In 2016-17, the Office of the Australian Information Commissioner (OAIC) assessed the information security practices of four telecommunications organisations when disclosing personal information under the Telecommunications (Interception and Access) Act 1979 (TIA Act).
Under sections 178, 179, 180(2), 180(3), 180A and 180B of the TIA Act, telecommunications organisations are obliged to disclose information to law enforcement agencies (LEAs) in certain circumstances. The practices implemented to comply with this legislation must be compliant with Australian Privacy Principle (APP) 11 of the Privacy Act 1988 (Privacy Act).
These assessments followed on from previous inspections, Summary of OAIC’s inspection of telecommunications organisations’ records of disclosure under the Telecommunications Act. Those inspections focussed on compliance by four telecommunication organisations with record-keeping requirements in ss 306 and 306A of the Telecommunications Act 1997.
Telstra Corporation Ltd (Telstra), Vodafone Hutchison Australia Pty Ltd (Vodafone), Singtel Optus Pty Ltd (Optus), and iiNet Limited (as a subsidiary of TPG Telecom Limited) (iiNet) were assessed.
These assessments considered the reasonableness of the security arrangements, when handling personal information in answering requests from LEAs, against the obligations of APP 11. The assessment was risk based, and focussed on identifying privacy risks to the secure handling of personal information. It involved review of documentation that set out the relevant policies and practices of these telecommunications organisations, site visits and interviews with key staff within the telecommunications organisations.
The assessors found that in general, the information security practices of these telecommunications organisations aligned with the obligations of APP 11. The key findings are summarised below.
Telstra had a strong privacy culture, supported by comprehensive privacy governance practices, appropriate ICT access and security control and an effective risk management regime. The OAIC did not identify any medium or high privacy risks in Telstra’s information security practices when disclosing personal information under the TIA Act, and offered a number of best practice suggestions to support these practices.
Vodafone had a positive privacy culture, with adequate physical security measures to protect personal information when responding to LEA requests. Vodafone also had appropriate processes for de-identification or destruction of personal information, responding to data breaches and management of third party providers. The OAIC made one recommendation to improve Vodafone’s database security and to further mitigate trusted insider threats and external extraction risks.
Optus staff had a sound understanding of the information security practices, which were supported by appropriate physical security, ICT and access controls. The OAIC made five recommendations to improve Optus’ practices and procedures. These recommendations were for Optus to:
- engage its Australian based senior management in privacy issues relating to handling of LEA requests
- develop a risk management plan for handling LEA requests under the TIA Act
- document all policies and practices for handling LEA requests under the TIA Act
- further enhance the monitoring of its IT systems
- review the arrangements for remote access to its systems.
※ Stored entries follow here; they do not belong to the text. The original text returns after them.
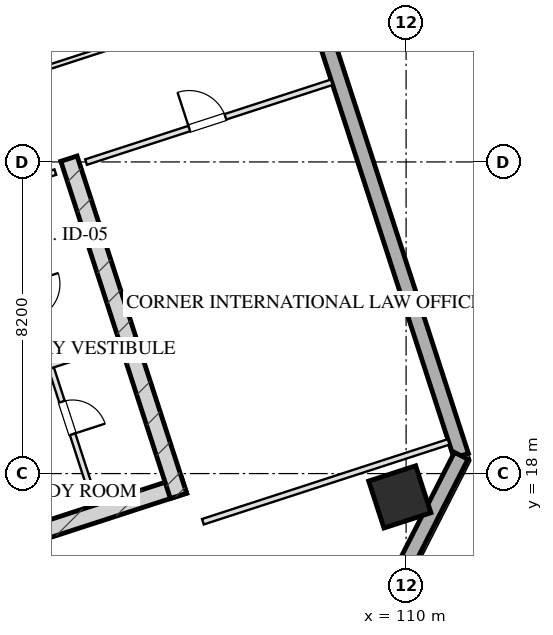
"""IFC4 building model, lengths in metres.
Left out: names, types, materials, properties, quantities, classifications, styles, units other than length and angle.
Written with IfcOpenShell. Run it as: python <this file> out.ifc"""

import sys

from ifc_helpers import new_model, si_unit, direction, frame, frame_2d, origin, origin_2d, place, context, subcontext, project, spatial, rectangle, hollow_rectangle, extrude, element, fill, save


model = new_model("IFC4")
c1 = context("Model", 3, precision=1e-05, world=origin(), true_north=direction((0.0, 1.0)))
c2 = subcontext(c1, "Body", "Model", "MODEL_VIEW")
j1 = project(units=[si_unit("LENGTHUNIT", "METRE"), si_unit("PLANEANGLEUNIT", "RADIAN")], contexts=[c1])
p1 = place(None, origin())
s1 = spatial("IfcSite", under=j1, at=p1, CompositionType="ELEMENT")
p2 = place(p1, origin())
s2 = spatial("IfcBuilding", under=s1, at=p2, CompositionType="ELEMENT")
p3 = place(p2, frame((0.0, 0.0, 188.6)))
s3 = spatial("IfcBuildingStorey", under=s2, at=p3, CompositionType="ELEMENT", Elevation=188.6)
p4 = place(p3, frame((88.701, 12.675, 0.0), z_axis=(0.0, 0.0, 1.0), x_axis=(0.95105824505, 0.309011673763, 0.0)))
e1 = element("IfcWall", 1, at=p4, inside=s3, PredefinedType="SHEAR", context=c2, shape_type="SweptSolid", body=[
    extrude(rectangle(XDim=16.25, YDim=0.45, at=frame_2d((8.125, 0.0))), origin(), (0.0, 0.0, 1.0), 3.45),
])
p5 = place(p3, frame((101.128, 26.286, 0.0), z_axis=(0.0, 0.0, 1.0), x_axis=(0.309004419953, -0.951060601881, 0.0)))
e2 = element("IfcWall", 2, at=p5, inside=s3, PredefinedType="SHEAR", context=c2, shape_type="SweptSolid", body=[
    extrude(rectangle(XDim=9.33, YDim=0.45, at=frame_2d((4.665, 0.0))), origin(), (0.0, 0.0, 1.0), 3.45),
])
p6 = place(p3, frame((109.835, 17.386, 0.0), z_axis=(0.0, 0.0, 1.0), x_axis=(0.951056516295, 0.309016994375, 0.0)))
e3 = element("IfcColumn", 3, at=p6, inside=s3, PredefinedType="COLUMN", context=c2, shape_type="SweptSolid", body=[
    extrude(hollow_rectangle(XDim=1.3, YDim=1.3, WallThickness=0.045, at=origin_2d()), origin(), (0.0, 0.0, 1.0), 3.451),
])
p7 = place(p3, frame((98.224, 59.173, 0.0), z_axis=(0.0, 0.0, 1.0), x_axis=(0.309014228706, -0.951057414911, 0.0)))
e4 = element("IfcWall", 4, at=p7, inside=s3, PredefinedType="SOLIDWALL", context=c2, shape_type="SweptSolid", body=[
    extrude(rectangle(XDim=42.8, YDim=0.4, at=frame_2d((21.4, 0.0))), origin(), (0.0, 0.0, 1.0), 2.61),
])
p8 = place(p7, frame((17.75, 0.0, 0.75)))
e5 = element("IfcOpeningElement", 5, at=p8, cuts=e4, PredefinedType="OPENING", context=c2, shape_type="SweptSolid", body=[
    extrude(rectangle(XDim=2.1, YDim=1.46, at=frame_2d((1.05, 0.73))), frame((0.0, 0.21, 0.0), z_axis=(0.0, -1.0, 0.0), x_axis=(1.0, 0.0, 0.0)), (0.0, 0.0, 1.0), 0.42),
])
p9 = place(p7, frame((13.95, 0.0, 0.75)))
e6 = element("IfcOpeningElement", 6, at=p9, cuts=e4, PredefinedType="OPENING", context=c2, shape_type="SweptSolid", body=[
    extrude(rectangle(XDim=2.1, YDim=1.46, at=frame_2d((1.05, 0.73))), frame((0.0, 0.21, 0.0), z_axis=(0.0, -1.0, 0.0), x_axis=(1.0, 0.0, 0.0)), (0.0, 0.0, 1.0), 0.42),
])
p10 = place(p7, frame((23.95, 0.0, 0.0)))
e7 = element("IfcOpeningElement", 7, at=p10, cuts=e4, PredefinedType="OPENING", context=c2, shape_type="SweptSolid", body=[
    extrude(rectangle(XDim=1.1, YDim=2.15, at=frame_2d((0.55, 1.075))), frame((0.0, 0.21, 0.0), z_axis=(0.0, -1.0, 0.0), x_axis=(1.0, 0.0, 0.0)), (0.0, 0.0, 1.0), 0.42),
])
p11 = place(p3, frame((111.449, 18.468, 0.0), z_axis=(0.0, 0.0, 1.0), x_axis=(-0.454019523198, -0.890991735402, 0.0)))
e8 = element("IfcWall", 8, at=p11, inside=s3, PredefinedType="SOLIDWALL", context=c2, shape_type="SweptSolid", body=[
    extrude(rectangle(XDim=3.394, YDim=0.4, at=frame_2d((1.697, 0.0))), origin(), (0.0, 0.0, 1.0), 2.61),
])
p12 = place(p3, frame((97.727, 24.944, 0.0), z_axis=(0.0, 0.0, 1.0), x_axis=(0.951036872128, 0.309077446369, 0.0)))
e9 = element("IfcWall", 9, at=p12, inside=s3, PredefinedType="PARTITIONING", context=c2, shape_type="SweptSolid", body=[
    extrude(rectangle(XDim=3.2, YDim=0.15, at=frame_2d((1.6, 0.0))), origin(), (0.0, 0.0, 1.0), 3.175),
])
p13 = place(p12, frame((0.22, 0.0, 0.0)))
e10 = element("IfcOpeningElement", 10, at=p13, cuts=e9, PredefinedType="OPENING", context=c2, shape_type="SweptSolid", body=[
    extrude(rectangle(XDim=0.95, YDim=2.05, at=frame_2d((0.475, 1.025))), frame((0.0, 0.085, 0.0), z_axis=(0.0, -1.0, 0.0), x_axis=(1.0, 0.0, 0.0)), (0.0, 0.0, 1.0), 0.17),
])
p14 = place(p3, frame((99.153, 25.408, 0.0), z_axis=(0.0, 0.0, 1.0), x_axis=(0.309016001439, -0.951056838919, 0.0)))
e11 = element("IfcWall", 11, at=p14, inside=s3, PredefinedType="PARTITIONING", context=c2, shape_type="SweptSolid", body=[
    extrude(rectangle(XDim=8.43, YDim=0.15, at=frame_2d((4.215, 0.0))), origin(), (0.0, 0.0, 1.0), 3.175),
])
p15 = place(p14, frame((2.55, 0.0, 0.0)))
e12 = element("IfcOpeningElement", 12, at=p15, cuts=e11, PredefinedType="OPENING", context=c2, shape_type="SweptSolid", body=[
    extrude(rectangle(XDim=0.95, YDim=2.05, at=frame_2d((0.475, 1.025))), frame((0.0, 0.085, 0.0), z_axis=(0.0, -1.0, 0.0), x_axis=(1.0, 0.0, 0.0)), (0.0, 0.0, 1.0), 0.17),
])
p16 = place(p14, frame((5.8, 0.0, 0.0)))
e13 = element("IfcOpeningElement", 13, at=p16, cuts=e11, PredefinedType="OPENING", context=c2, shape_type="SweptSolid", body=[
    extrude(rectangle(XDim=0.9, YDim=2.05, at=frame_2d((0.45, 1.025))), frame((0.0, 0.085, 0.0), z_axis=(0.0, -1.0, 0.0), x_axis=(1.0, 0.0, 0.0)), (0.0, 0.0, 1.0), 0.17),
])
p17 = place(p3, frame((100.636, 20.843, 0.0), z_axis=(0.0, 0.0, 1.0), x_axis=(0.951040401051, 0.309066587596, 0.0)))
e14 = element("IfcWall", 14, at=p17, inside=s3, PredefinedType="PARTITIONING", context=c2, shape_type="SweptSolid", body=[
    extrude(rectangle(XDim=1.7, YDim=0.15, at=frame_2d((0.85, 0.0))), origin(), (0.0, 0.0, 1.0), 3.175),
])
p18 = place(p3, frame((104.653, 16.733, 0.0), z_axis=(0.0, 0.0, 1.0), x_axis=(0.951054383043, 0.309023559774, 0.0)))
e15 = element("IfcWall", 15, at=p18, inside=s3, PredefinedType="PARTITIONING", context=c2, shape_type="SweptSolid", body=[
    extrude(rectangle(XDim=6.8, YDim=0.15, at=frame_2d((3.4, 0.0))), origin(), (0.0, 0.0, 1.0), 3.175),
])
p19 = place(p3, frame((101.578, 26.196, 0.0), z_axis=(0.0, 0.0, 1.0), x_axis=(0.951064934653, 0.308991084134, 0.0)))
e16 = element("IfcWall", 16, at=p19, inside=s3, PredefinedType="PARTITIONING", context=c2, shape_type="SweptSolid", body=[
    extrude(rectangle(XDim=6.8, YDim=0.15, at=frame_2d((3.4, 0.0))), origin(), (0.0, 0.0, 1.0), 3.175),
])
p20 = place(p19, frame((2.856, 0.0, 0.0)))
e17 = element("IfcOpeningElement", 17, at=p20, cuts=e16, PredefinedType="OPENING", context=c2, shape_type="SweptSolid", body=[
    extrude(rectangle(XDim=1.0, YDim=2.05, at=frame_2d((0.5, 1.025))), frame((0.0, 0.085, 0.0), z_axis=(0.0, -1.0, 0.0), x_axis=(1.0, 0.0, 0.0)), (0.0, 0.0, 1.0), 0.17),
])
p21 = place(p3, frame((95.852, 27.153, 0.0), z_axis=(0.0, 0.0, 1.0), x_axis=(0.951054485045, 0.30902324585, 0.0)))
e18 = element("IfcWall", 18, at=p21, inside=s3, PredefinedType="PARTITIONING", context=c2, shape_type="SweptSolid", body=[
    extrude(rectangle(XDim=11.95, YDim=0.12, at=frame_2d((5.975, 0.0))), origin(), (0.0, 0.0, 1.0), 3.175),
])
p22 = place(p16, origin())
e19 = element("IfcDoor", 19, at=p22, inside=s3, OperationType="SINGLE_SWING_RIGHT", PredefinedType="DOOR", context=c2, shape_type="SweptSolid", body=[
    extrude(rectangle(XDim=0.9, YDim=2.05, at=frame_2d((0.45, 1.025))), frame((0.0, 0.025, 0.0), z_axis=(0.0, -1.0, 0.0), x_axis=(1.0, 0.0, 0.0)), (0.0, 0.0, 1.0), 0.05),
])
fill(e13, e19)
p23 = place(p20, origin())
e20 = element("IfcDoor", 20, at=p23, inside=s3, OperationType="SINGLE_SWING_LEFT", PredefinedType="DOOR", context=c2, shape_type="SweptSolid", body=[
    extrude(rectangle(XDim=1.0, YDim=2.05, at=frame_2d((0.5, 1.025))), frame((0.0, 0.025, 0.0), z_axis=(0.0, -1.0, 0.0), x_axis=(1.0, 0.0, 0.0)), (0.0, 0.0, 1.0), 0.05),
])
fill(e17, e20)
save(model, sys.argv[1])

iiNet had a positive privacy culture, with comprehensive process documents and an electronic document management system to assist staff with their operations. The OAIC noted that iiNet, as a retailer of telephony services, does not own or control telecommunications infrastructure, and therefore does not handle certain requests under the TIA Act. The OAIC made four recommendations to improve iiNet’s practices. These recommendations were for iiNet to:
- update its information management policies to formalise what is already understood by staff
- improve the security of communication with LEAs
- review and strengthen access controls
- document the appointment and roles of an internal security group.
The OAIC provided each telecommunications organisation with an individualised report. Each telecommunications organisation agreed to or noted the OAIC’s recommendations (where made) and indicated they would implement them or had started to implement them.
The OAIC will follow up with Vodafone, Optus and iiNet on the implementation of the above-mentioned recommendations in the 2018/19 financial year.
Background — legislative obligations relating to the security of personal information
In addition to the specific legislative requirements discussed in the introduction, the telecommunications organisations were assessed against APP 11 in the Privacy Act. Schedule 1 of the Privacy Act describes APP 11 and the privacy obligations regarding the security of personal information as follows:
Australian Privacy Principle 11 — security of personal information
11.1 If an APP entity holds personal information, the entity must take such steps as are reasonable in the circumstances to protect the information:
(a) from misuse, interference and loss; and
(b) from unauthorised access, modification or disclosure.
(a) an APP entity holds personal information about an individual; and
(b) the entity no longer needs the information for any purpose for which the information may be used or disclosed by the entity under this Schedule; and
(c) the information is not contained in a Commonwealth record; and
(d) the entity is not required by or under an Australian law; or a court/tribunal order, to retain the information;
The entity must take such steps as are reasonable in the circumstances to destroy the information or to ensure that the information is de-identified.